I like picking up his dirty socks. I like finding sand on my clean bathroom floors. Cereal bowls in the sink just sit well with me.
It means he is here.
I know I have a long time before any deployments happen. But they will happen. I will say my tear filled goodbyes and pray for his safety day and night. He will tell me how proud that he is of me and that he will "see me soon". I can't keep denying it in my head. I have to start now on asking God to prepare my heart. It's the only way I got through those 2 months of boot camp a year and a half ago. I've just about completely blocked out that rainy December morning when I hugged my soon-to-be sailor goodbye and watched him drive away on the bus.
(Leaving for boot camp)
The most hated question is, "How do you do it?". My blunt, almost sarcastic answer is always, "You just do". I'm not living this life for Nick. Yes, I said it. I have to love Jesus more than I love Nick. I have to remember daily what my priorities are in life. What good am I if I sit at home alone waiting until he comes home to be happy? Nick doesn't want me to do that. We are to be joyful in all circumstances. Nick has taught me to thank God for the hard times. They make me lean on Him. It hurts to think about the days ahead. Tears are already flowing as I type. But the dread is much worse than the actual event. I have so much support. It is growing everyday. I am making friends who are in the same situation as I am. I want to be effective at whatever season I am in life. When you stop focusing on your troubles and get out there to invest in other people's lives, that pain lessens.
I am living on easy street right now. My husband is home for dinner every night. We giggle, we snuggle, we soak in every moment. I thank the military life for that. It gives you a different perspective. At times that I think, "Man, some alone time would be nice tonight" (don't lie, you know you say it), I remember what short time I have with him. I don't take it for granted.

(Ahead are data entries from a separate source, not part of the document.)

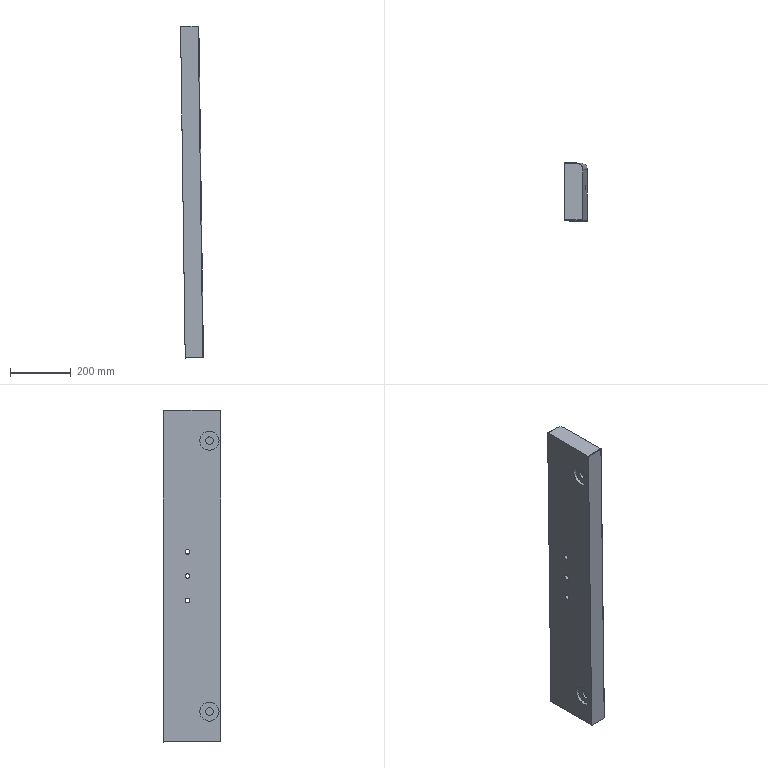Component | SolidWorks | DA-0220-Part9-4 | 1 solid | 35 faces | box 75.25 x 189.52 x 1090.68 mm | volume 12201627 mm3 | cylinder 22 | plane 10 | torus 2 | sphere 1 | commonest cylinder face diameters 4 x7 16 x6 25 x4 63 x4 40 x1
build123d program:
from build123d import *

# Parameters (mm, degrees)
SKETCH1_2_W                    = 60
SKETCH1_2_H                    = 189.5
BOSS_EXTRUDE1_DEPTH            = 545
FILLET1_R                      = 20
FILLET2_R                      = 2
SKETCH1_3_R                    = 8
CUT_EXTRUDE1_DEPTH             = 581.117
SKETCH1_R                      = 31.5
BUSHINGFLANGECOUNTERBORE_DEPTH = 8.5
SKETCH2_R                      = 12.5
GUIDESHAFTSEAT_DEPTH           = 16


with BuildPart() as part:
    # Sketch1_2 → Boss-Extrude1 (new, symmetric)
    with BuildSketch(Plane.XY):
        with Locations((30, 94.75)):
            Rectangle(SKETCH1_2_W, SKETCH1_2_H)
    extrude(amount=BOSS_EXTRUDE1_DEPTH, both=True)

    # Fillet1
    fillet1_edges = [part.edges().sort_by_distance(p)[0] for p in [
        (60, 189.5, 0),
    ]]
    fillet(fillet1_edges, radius=FILLET1_R)

    # Fillet2
    fillet2_edges = [part.edges().sort_by_distance(p)[0] for p in [
        (20, 189.5, -545),
        (20, 189.5, 545),
        (54.142, 183.642, -545),
        (54.142, 183.642, 545),
        (30, 0, 545),
        (0, 94.75, -545),
        (60, 84.75, -545),
        (60, 84.75, 545),
        (60, 0, 0),
    ]]
    fillet(fillet2_edges, radius=FILLET2_R)

    # Sketch1_3 → Cut-Extrude1 (cut, through all)
    with BuildSketch(Plane(origin=(60, 0, 0), x_dir=(0, 0, -1), z_dir=(1, 0, 0))):
        with Locations(Location((80, 109.5, 0), (0, 0, 90))):
            Circle(SKETCH1_3_R)
        with Locations(Location((0, 109.5, 0), (0, 0, 90))):
            Circle(SKETCH1_3_R)
        with Locations(Location((-80, 109.5, 0), (0, 0, 90))):
            Circle(SKETCH1_3_R)
    extrude(amount=-CUT_EXTRUDE1_DEPTH, mode=Mode.SUBTRACT)

    # Sketch1 → BushingFlangeCounterbore (cut)
    with BuildSketch(Plane.ZY):
        with Locations(Location((445, 37.5, 0), (0, 0, 270))):
            Circle(SKETCH1_R)
        with Locations(Location((-445, 37.5, 0), (0, 0, 270))):
            Circle(SKETCH1_R)
    extrude(amount=-BUSHINGFLANGECOUNTERBORE_DEPTH, mode=Mode.SUBTRACT)

    # Sketch2 → GuideShaftSeat (cut)
    with BuildSketch(Plane.ZY):
        with Locations(Location((445, 37.5, 0), (0, 0, 270))):
            Circle(SKETCH2_R)
        with Locations(Location((-445, 37.5, 0), (0, 0, 270))):
            Circle(SKETCH2_R)
    extrude(amount=-GUIDESHAFTSEAT_DEPTH, mode=Mode.SUBTRACT)


solid = part.part

# Placed as in the assembly
solid = solid.moved(Location((1026.124, -203.138, 17.82), (0.0001615, -0.7995, 0.02315)))
STEP:
#1=CARTESIAN_POINT('',(41.272,-6.029,-16.808));
#2=VERTEX_POINT('',#1);
#3=CARTESIAN_POINT('',(41.273,-7.013,-16.808));
#4=VERTEX_POINT('',#3);
#5=CARTESIAN_POINT('',(41.272,-6.521,-16.808));
#6=DIRECTION('',(-0.9999,-0.000404,-0.01395));
#7=DIRECTION('',(0.000404,-1.,0.00000282));
#8=AXIS2_PLACEMENT_3D('',#5,#6,#7);
#9=CIRCLE('',#8,0.4921);
#10=EDGE_CURVE('',#2,#4,#9,.T.);
#11=ORIENTED_EDGE('',*,*,#10,.F.);
#12=CARTESIAN_POINT('',(40.977,-6.029,-16.812));
#13=VERTEX_POINT('',#12);
#14=CARTESIAN_POINT('',(41.272,-6.029,-16.808));
#15=DIRECTION('',(-0.9999,-0.000404,-0.01395));
#16=VECTOR('',#15,39.37);
#17=LINE('',#14,#16);
#18=EDGE_CURVE('',#2,#13,#17,.T.);
#19=ORIENTED_EDGE('',*,*,#18,.T.);
#20=CARTESIAN_POINT('',(40.977,-7.013,-16.812));
#21=VERTEX_POINT('',#20);
#22=CARTESIAN_POINT('',(40.977,-6.521,-16.812));
#23=DIRECTION('',(-0.9999,-0.000404,-0.01395));
#24=DIRECTION('',(0.000404,-1.,0.00000282));
#25=AXIS2_PLACEMENT_3D('',#22,#23,#24);
#26=CIRCLE('',#25,0.4921);
#27=EDGE_CURVE('',#13,#21,#26,.T.);
#28=ORIENTED_EDGE('',*,*,#27,.T.);
#29=CARTESIAN_POINT('',(41.273,-7.013,-16.808));
#30=DIRECTION('',(-0.9999,-0.000404,-0.01395));
#31=VECTOR('',#30,39.37);
#32=LINE('',#29,#31);
#33=EDGE_CURVE('',#4,#21,#32,.T.);
#34=ORIENTED_EDGE('',*,*,#33,.F.);
#35=EDGE_LOOP('',(#11,#19,#28,#34));
#36=FACE_OUTER_BOUND('',#35,.T.);
#37=CARTESIAN_POINT('',(41.272,-6.521,-16.808));
#38=DIRECTION('',(-0.9999,-0.000404,-0.01395));
#39=DIRECTION('',(0.000404,-1.,0.00000282));
#40=AXIS2_PLACEMENT_3D('',#37,#38,#39);
#41=CYLINDRICAL_SURFACE('',#40,0.4921);
#42=ADVANCED_FACE('',(#36),#41,.F.);
#43=CARTESIAN_POINT('',(40.783,-6.029,18.228));
#44=VERTEX_POINT('',#43);
#45=CARTESIAN_POINT('',(40.784,-7.013,18.228));
#46=VERTEX_POINT('',#45);
#47=CARTESIAN_POINT('',(40.783,-6.521,18.228));
#48=DIRECTION('',(-0.9999,-0.000404,-0.01395));
#49=DIRECTION('',(0.000404,-1.,0.00000282));
#50=AXIS2_PLACEMENT_3D('',#47,#48,#49);
#51=CIRCLE('',#50,0.4921);
#52=EDGE_CURVE('',#44,#46,#51,.T.);
#53=ORIENTED_EDGE('',*,*,#52,.F.);
#54=CARTESIAN_POINT('',(40.488,-6.029,18.224));
#55=VERTEX_POINT('',#54);
#56=CARTESIAN_POINT('',(40.783,-6.029,18.228));
#57=DIRECTION('',(-0.9999,-0.000404,-0.01395));
#58=VECTOR('',#57,39.37);
#59=LINE('',#56,#58);
#60=EDGE_CURVE('',#44,#55,#59,.T.);
#61=ORIENTED_EDGE('',*,*,#60,.T.);
#62=CARTESIAN_POINT('',(40.488,-7.013,18.224));
#63=VERTEX_POINT('',#62);
#64=CARTESIAN_POINT('',(40.488,-6.521,18.224));
#65=DIRECTION('',(-0.9999,-0.000404,-0.01395));
#66=DIRECTION('',(0.000404,-1.,0.00000282));
#67=AXIS2_PLACEMENT_3D('',#64,#65,#66);
#68=CIRCLE('',#67,0.4921);
#69=EDGE_CURVE('',#55,#63,#68,.T.);
#70=ORIENTED_EDGE('',*,*,#69,.T.);
#71=CARTESIAN_POINT('',(40.784,-7.013,18.228));
#72=DIRECTION('',(-0.9999,-0.000404,-0.01395));
#73=VECTOR('',#72,39.37);
#74=LINE('',#71,#73);
#75=EDGE_CURVE('',#46,#63,#74,.T.);
#76=ORIENTED_EDGE('',*,*,#75,.F.);
#77=EDGE_LOOP('',(#53,#61,#70,#76));
#78=FACE_OUTER_BOUND('',#77,.T.);
#79=CARTESIAN_POINT('',(40.783,-6.521,18.228));
#80=DIRECTION('',(-0.9999,-0.000404,-0.01395));
#81=DIRECTION('',(0.000404,-1.,0.00000282));
#82=AXIS2_PLACEMENT_3D('',#79,#80,#81);
#83=CYLINDRICAL_SURFACE('',#82,0.4921);
#84=ADVANCED_FACE('',(#78),#83,.F.);
#85=CARTESIAN_POINT('',(40.488,-5.281,18.224));
#86=VERTEX_POINT('',#85);
#87=CARTESIAN_POINT('',(40.489,-7.761,18.224));
#88=VERTEX_POINT('',#87);
#89=CARTESIAN_POINT('',(40.488,-6.521,18.224));
#90=DIRECTION('',(-0.9999,-0.000404,-0.01395));
#91=DIRECTION('',(0.000404,-1.,0.00000282));
#92=AXIS2_PLACEMENT_3D('',#89,#90,#91);
#93=CIRCLE('',#92,1.24);
#94=EDGE_CURVE('',#86,#88,#93,.T.);
#95=ORIENTED_EDGE('',*,*,#94,.F.);
#96=CARTESIAN_POINT('',(40.153,-5.281,18.22));
#97=VERTEX_POINT('',#96);
#98=CARTESIAN_POINT('',(40.488,-5.281,18.224));
#99=DIRECTION('',(-0.9999,-0.000404,-0.01395));
#100=VECTOR('',#99,39.37);
#101=LINE('',#98,#100);
#102=EDGE_CURVE('',#86,#97,#101,.T.);
#103=ORIENTED_EDGE('',*,*,#102,.T.);
#104=CARTESIAN_POINT('',(40.154,-7.761,18.22));
#105=VERTEX_POINT('',#104);
#106=CARTESIAN_POINT('',(40.154,-6.521,18.22));
#107=DIRECTION('',(-0.9999,-0.000404,-0.01395));
#108=DIRECTION('',(0.000404,-1.,0.00000282));
#109=AXIS2_PLACEMENT_3D('',#106,#107,#108);
#110=CIRCLE('',#109,1.24);
#111=EDGE_CURVE('',#97,#105,#110,.T.);
#112=ORIENTED_EDGE('',*,*,#111,.T.);
#113=CARTESIAN_POINT('',(40.489,-7.761,18.224));
#114=DIRECTION('',(-0.9999,-0.000404,-0.01395));
#115=VECTOR('',#114,39.37);
#116=LINE('',#113,#115);
#117=EDGE_CURVE('',#88,#105,#116,.T.);
#118=ORIENTED_EDGE('',*,*,#117,.F.);
#119=EDGE_LOOP('',(#95,#103,#112,#118));
#120=FACE_OUTER_BOUND('',#119,.T.);
#121=CARTESIAN_POINT('',(40.488,-6.521,18.224));
#122=DIRECTION('',(-0.9999,-0.000404,-0.01395));
#123=DIRECTION('',(0.000404,-1.,0.00000282));
#124=AXIS2_PLACEMENT_3D('',#121,#122,#123);
#125=CYLINDRICAL_SURFACE('',#124,1.24);
#126=ADVANCED_FACE('',(#120),#125,.F.);
#127=CARTESIAN_POINT('',(40.977,-5.281,-16.812));
#128=VERTEX_POINT('',#127);
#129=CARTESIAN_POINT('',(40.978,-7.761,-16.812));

I hope you snuggle up to your significant other just a little closer tonight. What a blessing it is to be able to see him face to face. And say a prayer for those families who have husbands and wives over seas. I can't imagine the feeling yet. If God puts it on your heart, please pray that I would prepare MY heart for things to come. I'm so thankful that tonight, I get to cook breakfast for supper and kiss my husband goodnight.